INC-158489 · Issue 623452
Captcha control updated to support ClientValidation
Resolved in Pega Version 8.6
The required checkbox for the pzCaptcha control was not working when using a custom configuration, allowing a case to be submitted with a blank captcha even when the required parameter was selected on control. This was traced to a required parameter not being correctly populated to the pzCaptcha control, and has been resolved by adding ClientValidation into the pzCaptcha control so that if a required parameter is selected on the control it will be applied during case execution.
INC-160024 · Issue 625831
Deprecated authentication methods removed
Resolved in Pega Version 8.6
After upgrade, attempting to trigger the Pega hosted API externally through Post Man resulted in the exception "The method getAuthenticationService() is undefined for the type OAuth2AccessTokenValidation". This was traced to the use of references to the methods getAuthenticationService() and getAuthenticationServiceType(), which are not in use from v8.5 onwards in pzOAuth2AuthenticationActivity and have now been removed. For OAuth2 authentication, the service package should use authentication type as OAuth2; the system will then take care of validating the token and establishing the operator context.
INC-161660 · Issue 633032
Authorization token handling and cleanup improved
Resolved in Pega Version 8.6
When using a mobile app configured with default authentication, clicking on the "Trouble logging in?" link opened a new window and displayed the message "please contact your system administrator" along with the error "Only authenticated client may start this activity: RULE-OBJ-ACTIVITY CODE-SECURITY PZGETAUTHORIZATIONCODE". This has been resolved. In addition, the OAuth token generation and handling has been improved, and the purge agent has been updated to accept a DSS setting for the max number of expired records to purge each time it is run. The default value is 5000.

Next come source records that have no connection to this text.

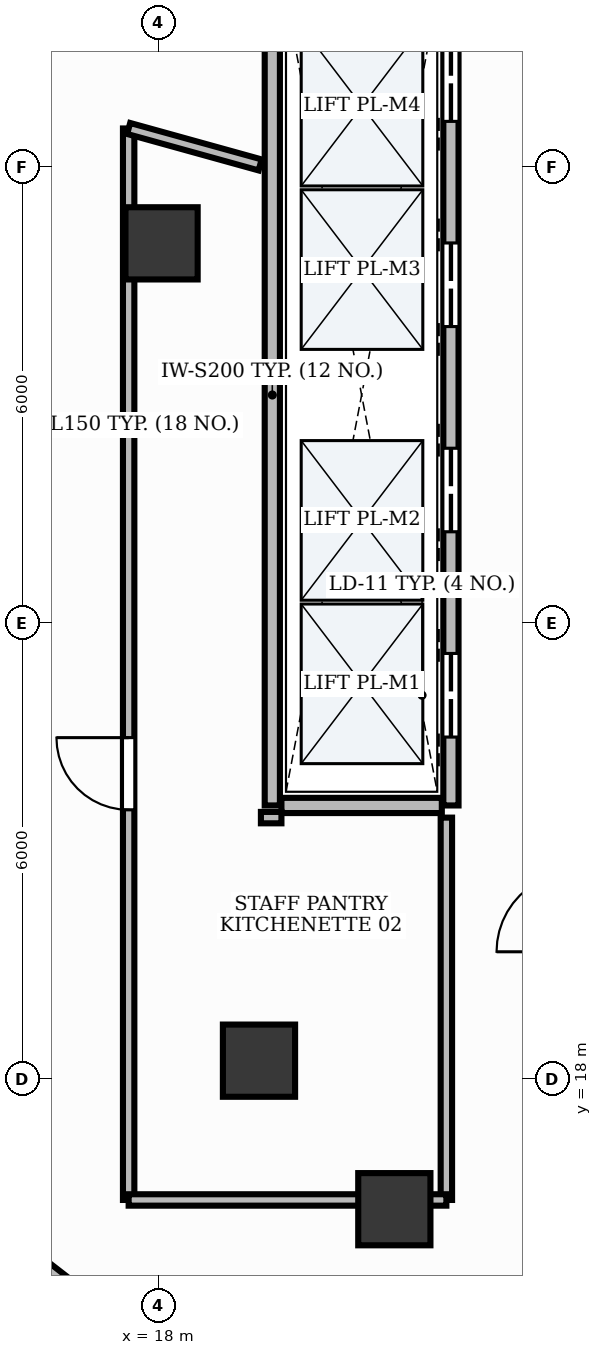
"""IFC4 building model, lengths in metres.
Left out: names, types, materials, properties, quantities, classifications, styles, units other than length and angle.
Written with IfcOpenShell. Run it as: python <this file> out.ifc"""

import sys

from ifc_helpers import new_model, si_unit, direction, frame, frame_2d, origin, origin_2d, place, context, subcontext, project, spatial, rectangle, extrude, element, fill, save


model = new_model("IFC4")
c1 = context("Model", 3, precision=1e-05, world=origin(), true_north=direction((0.0, 1.0)))
c2 = subcontext(c1, "Body", "Model", "MODEL_VIEW")
j1 = project(units=[si_unit("LENGTHUNIT", "METRE"), si_unit("PLANEANGLEUNIT", "RADIAN")], contexts=[c1])
p1 = place(None, origin())
s1 = spatial("IfcSite", under=j1, at=p1, CompositionType="ELEMENT")
p2 = place(p1, origin())
s2 = spatial("IfcBuilding", under=s1, at=p2, CompositionType="ELEMENT")
p3 = place(p2, frame((0.0, 0.0, 208.8)))
s3 = spatial("IfcBuildingStorey", under=s2, at=p3, CompositionType="ELEMENT", Elevation=208.8)
for number, where, z_axis, x_axis in (
    (1, (18.043, 28.995, -0.0), (0.0, 0.0, 1.0), (1.0, 0.0, 0.0)),
    (2, (19.325, 18.242, -0.0), (0.0, 0.0, 1.0), (1.0, 0.0, 0.0)),
    (3, (21.105, 16.288, -0.0), (0.0, 0.0, 1.0), (1.0, 0.0, 0.0)),
):
    element("IfcColumn", number, at=place(p3, frame(where, z_axis=z_axis, x_axis=x_axis)), inside=s3, PredefinedType="COLUMN", context=c2, shape_type="SweptSolid", body=[
        extrude(rectangle(XDim=0.95, YDim=0.95, at=origin_2d()), origin(), (0.0, 0.0, 1.0), 3.881),
    ])
p4 = place(p3, frame((19.5, 21.6, 0.0), z_axis=(0.0, 0.0, 1.0), x_axis=(0.0, 1.0, 0.0)))
e4 = element("IfcWall", 4, at=p4, inside=s3, PredefinedType="PARTITIONING", context=c2, shape_type="SweptSolid", body=[
    extrude(rectangle(XDim=10.8, YDim=0.2, at=frame_2d((5.4, 0.0))), origin(), (0.0, 0.0, 1.0), 2.22),
])
p5 = place(p3, frame((21.85, 21.6, 0.0), z_axis=(0.0, 0.0, 1.0), x_axis=(0.0, 1.0, 0.0)))
e5 = element("IfcWall", 5, at=p5, inside=s3, PredefinedType="PARTITIONING", context=c2, shape_type="SweptSolid", body=[
    extrude(rectangle(XDim=10.8, YDim=0.2, at=frame_2d((5.4, 0.0))), origin(), (0.0, 0.0, 1.0), 2.22),
])
p6 = place(p5, frame((0.9, 0.0, 0.0)))
e6 = element("IfcOpeningElement", 6, at=p6, cuts=e5, PredefinedType="OPENING", context=c2, shape_type="SweptSolid", body=[
    extrude(rectangle(XDim=1.1, YDim=2.2, at=frame_2d((0.55, 1.1))), frame((0.0, 0.115, 0.0), z_axis=(0.0, -1.0, 0.0), x_axis=(1.0, 0.0, 0.0)), (0.0, 0.0, 1.0), 0.23),
])
p7 = place(p5, frame((3.6, 0.0, 0.0)))
e7 = element("IfcOpeningElement", 7, at=p7, cuts=e5, PredefinedType="OPENING", context=c2, shape_type="SweptSolid", body=[
    extrude(rectangle(XDim=1.1, YDim=2.2, at=frame_2d((0.55, 1.1))), frame((0.0, 0.115, 0.0), z_axis=(0.0, -1.0, 0.0), x_axis=(1.0, 0.0, 0.0)), (0.0, 0.0, 1.0), 0.23),
])
p8 = place(p5, frame((6.3, 0.0, 0.0)))
e8 = element("IfcOpeningElement", 8, at=p8, cuts=e5, PredefinedType="OPENING", context=c2, shape_type="SweptSolid", body=[
    extrude(rectangle(XDim=1.1, YDim=2.2, at=frame_2d((0.55, 1.1))), frame((0.0, 0.115, 0.0), z_axis=(0.0, -1.0, 0.0), x_axis=(1.0, 0.0, 0.0)), (0.0, 0.0, 1.0), 0.23),
])
p9 = place(p5, frame((9.0, 0.0, 0.0)))
e9 = element("IfcOpeningElement", 9, at=p9, cuts=e5, PredefinedType="OPENING", context=c2, shape_type="SweptSolid", body=[
    extrude(rectangle(XDim=1.1, YDim=2.2, at=frame_2d((0.55, 1.1))), frame((0.0, 0.115, 0.0), z_axis=(0.0, -1.0, 0.0), x_axis=(1.0, 0.0, 0.0)), (0.0, 0.0, 1.0), 0.23),
])
p10 = place(p3, frame((19.62, 21.6, 0.0), z_axis=(0.0, 0.0, 1.0), x_axis=(1.0, 0.0, 0.0)))
e10 = element("IfcWall", 10, at=p10, inside=s3, PredefinedType="PARTITIONING", context=c2, shape_type="SweptSolid", body=[
    extrude(rectangle(XDim=2.11, YDim=0.2, at=frame_2d((1.055, 0.0))), origin(), (0.0, 0.0, 1.0), 2.22),
])
p11 = place(p3, frame((17.61, 16.41, 0.0), z_axis=(0.0, 0.0, 1.0), x_axis=(0.0, 1.0, 0.0)))
e11 = element("IfcWall", 11, at=p11, inside=s3, PredefinedType="PARTITIONING", context=c2, shape_type="SweptSolid", body=[
    extrude(rectangle(XDim=14.096, YDim=0.15, at=frame_2d((7.048, 0.0))), origin(), (0.0, 0.0, 1.0), 2.22),
])
p12 = place(p11, frame((5.132, 0.0, 0.0)))
e12 = element("IfcOpeningElement", 12, at=p12, cuts=e11, PredefinedType="OPENING", context=c2, shape_type="SweptSolid", body=[
    extrude(rectangle(XDim=0.95, YDim=2.15, at=frame_2d((0.475, 1.075))), frame((0.0, 0.09, 0.0), z_axis=(0.0, -1.0, 0.0), x_axis=(1.0, 0.0, 0.0)), (0.0, 0.0, 1.0), 0.18),
])
p13 = place(p3, frame((19.35, 21.44, 0.0), z_axis=(0.0, 0.0, 1.0), x_axis=(1.0, 0.0, 0.0)))
e13 = element("IfcWall", 13, at=p13, inside=s3, PredefinedType="PARTITIONING", context=c2, shape_type="SweptSolid", body=[
    extrude(rectangle(XDim=0.27, YDim=0.15, at=frame_2d((0.135, 0.0))), origin(), (0.0, 0.0, 1.0), 2.22),
])
p14 = place(p3, frame((21.79, 21.44, 0.0), z_axis=(0.0, 0.0, 1.0), x_axis=(0.0, -1.0, 0.0)))
e14 = element("IfcWall", 14, at=p14, inside=s3, PredefinedType="PARTITIONING", context=c2, shape_type="SweptSolid", body=[
    extrude(rectangle(XDim=5.03, YDim=0.15, at=frame_2d((2.515, 0.0))), origin(), (0.0, 0.0, 1.0), 2.22),
])
p15 = place(p3, frame((21.79, 16.41, 0.0), z_axis=(0.0, 0.0, 1.0), x_axis=(-1.0, 0.0, 0.0)))
e15 = element("IfcWall", 15, at=p15, inside=s3, PredefinedType="PARTITIONING", context=c2, shape_type="SweptSolid", body=[
    extrude(rectangle(XDim=4.18, YDim=0.15, at=frame_2d((2.09, 0.0))), origin(), (0.0, 0.0, 1.0), 2.22),
])
p16 = place(p3, frame((17.61, 30.506, 0.0), z_axis=(0.0, 0.0, 1.0), x_axis=(0.963625002939, -0.267258028338, 0.0)))
e16 = element("IfcWall", 16, at=p16, inside=s3, PredefinedType="PARTITIONING", context=c2, shape_type="SweptSolid", body=[
    extrude(rectangle(XDim=1.795, YDim=0.15, at=frame_2d((0.897, 0.0))), origin(), (0.0, 0.0, 1.0), 2.22),
])
p17 = place(p3, frame((16.544, 15.498, 0.0), z_axis=(0.0, 0.0, 1.0), x_axis=(0.790342017468, -0.612665892167, 0.0)))
e17 = element("IfcWall", 17, at=p17, inside=s3, PredefinedType="PARTITIONING", context=c2, shape_type="SweptSolid", body=[
    extrude(rectangle(XDim=2.428, YDim=0.16, at=frame_2d((1.214, 0.0))), origin(), (0.0, 0.0, 1.0), 2.22),
])
p18 = place(p6, origin())
e18 = element("IfcDoor", 18, at=p18, inside=s3, OperationType="DOUBLE_DOOR_SLIDING", PredefinedType="DOOR", context=c2, shape_type="SweptSolid", body=[
    extrude(rectangle(XDim=1.1, YDim=2.2, at=frame_2d((0.55, 1.1))), frame((0.0, 0.025, 0.0), z_axis=(0.0, -1.0, 0.0), x_axis=(1.0, 0.0, 0.0)), (0.0, 0.0, 1.0), 0.05),
])
fill(e6, e18)
p19 = place(p7, origin())
e19 = element("IfcDoor", 19, at=p19, inside=s3, OperationType="DOUBLE_DOOR_SLIDING", PredefinedType="DOOR", context=c2, shape_type="SweptSolid", body=[
    extrude(rectangle(XDim=1.1, YDim=2.2, at=frame_2d((0.55, 1.1))), frame((0.0, 0.025, 0.0), z_axis=(0.0, -1.0, 0.0), x_axis=(1.0, 0.0, 0.0)), (0.0, 0.0, 1.0), 0.05),
])
fill(e7, e19)
p20 = place(p8, origin())
e20 = element("IfcDoor", 20, at=p20, inside=s3, OperationType="DOUBLE_DOOR_SLIDING", PredefinedType="DOOR", context=c2, shape_type="SweptSolid", body=[
    extrude(rectangle(XDim=1.1, YDim=2.2, at=frame_2d((0.55, 1.1))), frame((0.0, 0.025, 0.0), z_axis=(0.0, -1.0, 0.0), x_axis=(1.0, 0.0, 0.0)), (0.0, 0.0, 1.0), 0.05),
])
fill(e8, e20)
p21 = place(p9, origin())
e21 = element("IfcDoor", 21, at=p21, inside=s3, OperationType="DOUBLE_DOOR_SLIDING", PredefinedType="DOOR", context=c2, shape_type="SweptSolid", body=[
    extrude(rectangle(XDim=1.1, YDim=2.2, at=frame_2d((0.55, 1.1))), frame((0.0, 0.025, 0.0), z_axis=(0.0, -1.0, 0.0), x_axis=(1.0, 0.0, 0.0)), (0.0, 0.0, 1.0), 0.05),
])
fill(e9, e21)
p22 = place(p12, origin())
e22 = element("IfcDoor", 22, at=p22, inside=s3, OperationType="SINGLE_SWING_RIGHT", PredefinedType="DOOR", context=c2, shape_type="SweptSolid", body=[
    extrude(rectangle(XDim=0.95, YDim=2.15, at=frame_2d((0.475, 1.075))), frame((0.0, 0.025, 0.0), z_axis=(0.0, -1.0, 0.0), x_axis=(1.0, 0.0, 0.0)), (0.0, 0.0, 1.0), 0.05),
])
fill(e12, e22)
save(model, sys.argv[1])

SR-SR-D79737 · Issue 602304
Improvements for Report Definition OperatorID filtering
Resolved in Pega Version 8.6
Report Definition filters were not working as expected when data from the OperatorID page was used and authentication was enabled. This was traced to the OperatorID page not being correctly populated. To resolve this, the authentication logic has been modified to always create the OperatorID page at requestor level, and the HTTP API layer has been updated to remove the thread level OperatorID page if exists. In addition, an enhancement has been added for improved debugging on log appenders provided by log4j which allows log filtering based on the requestor and thread for a given appender at a specific log level.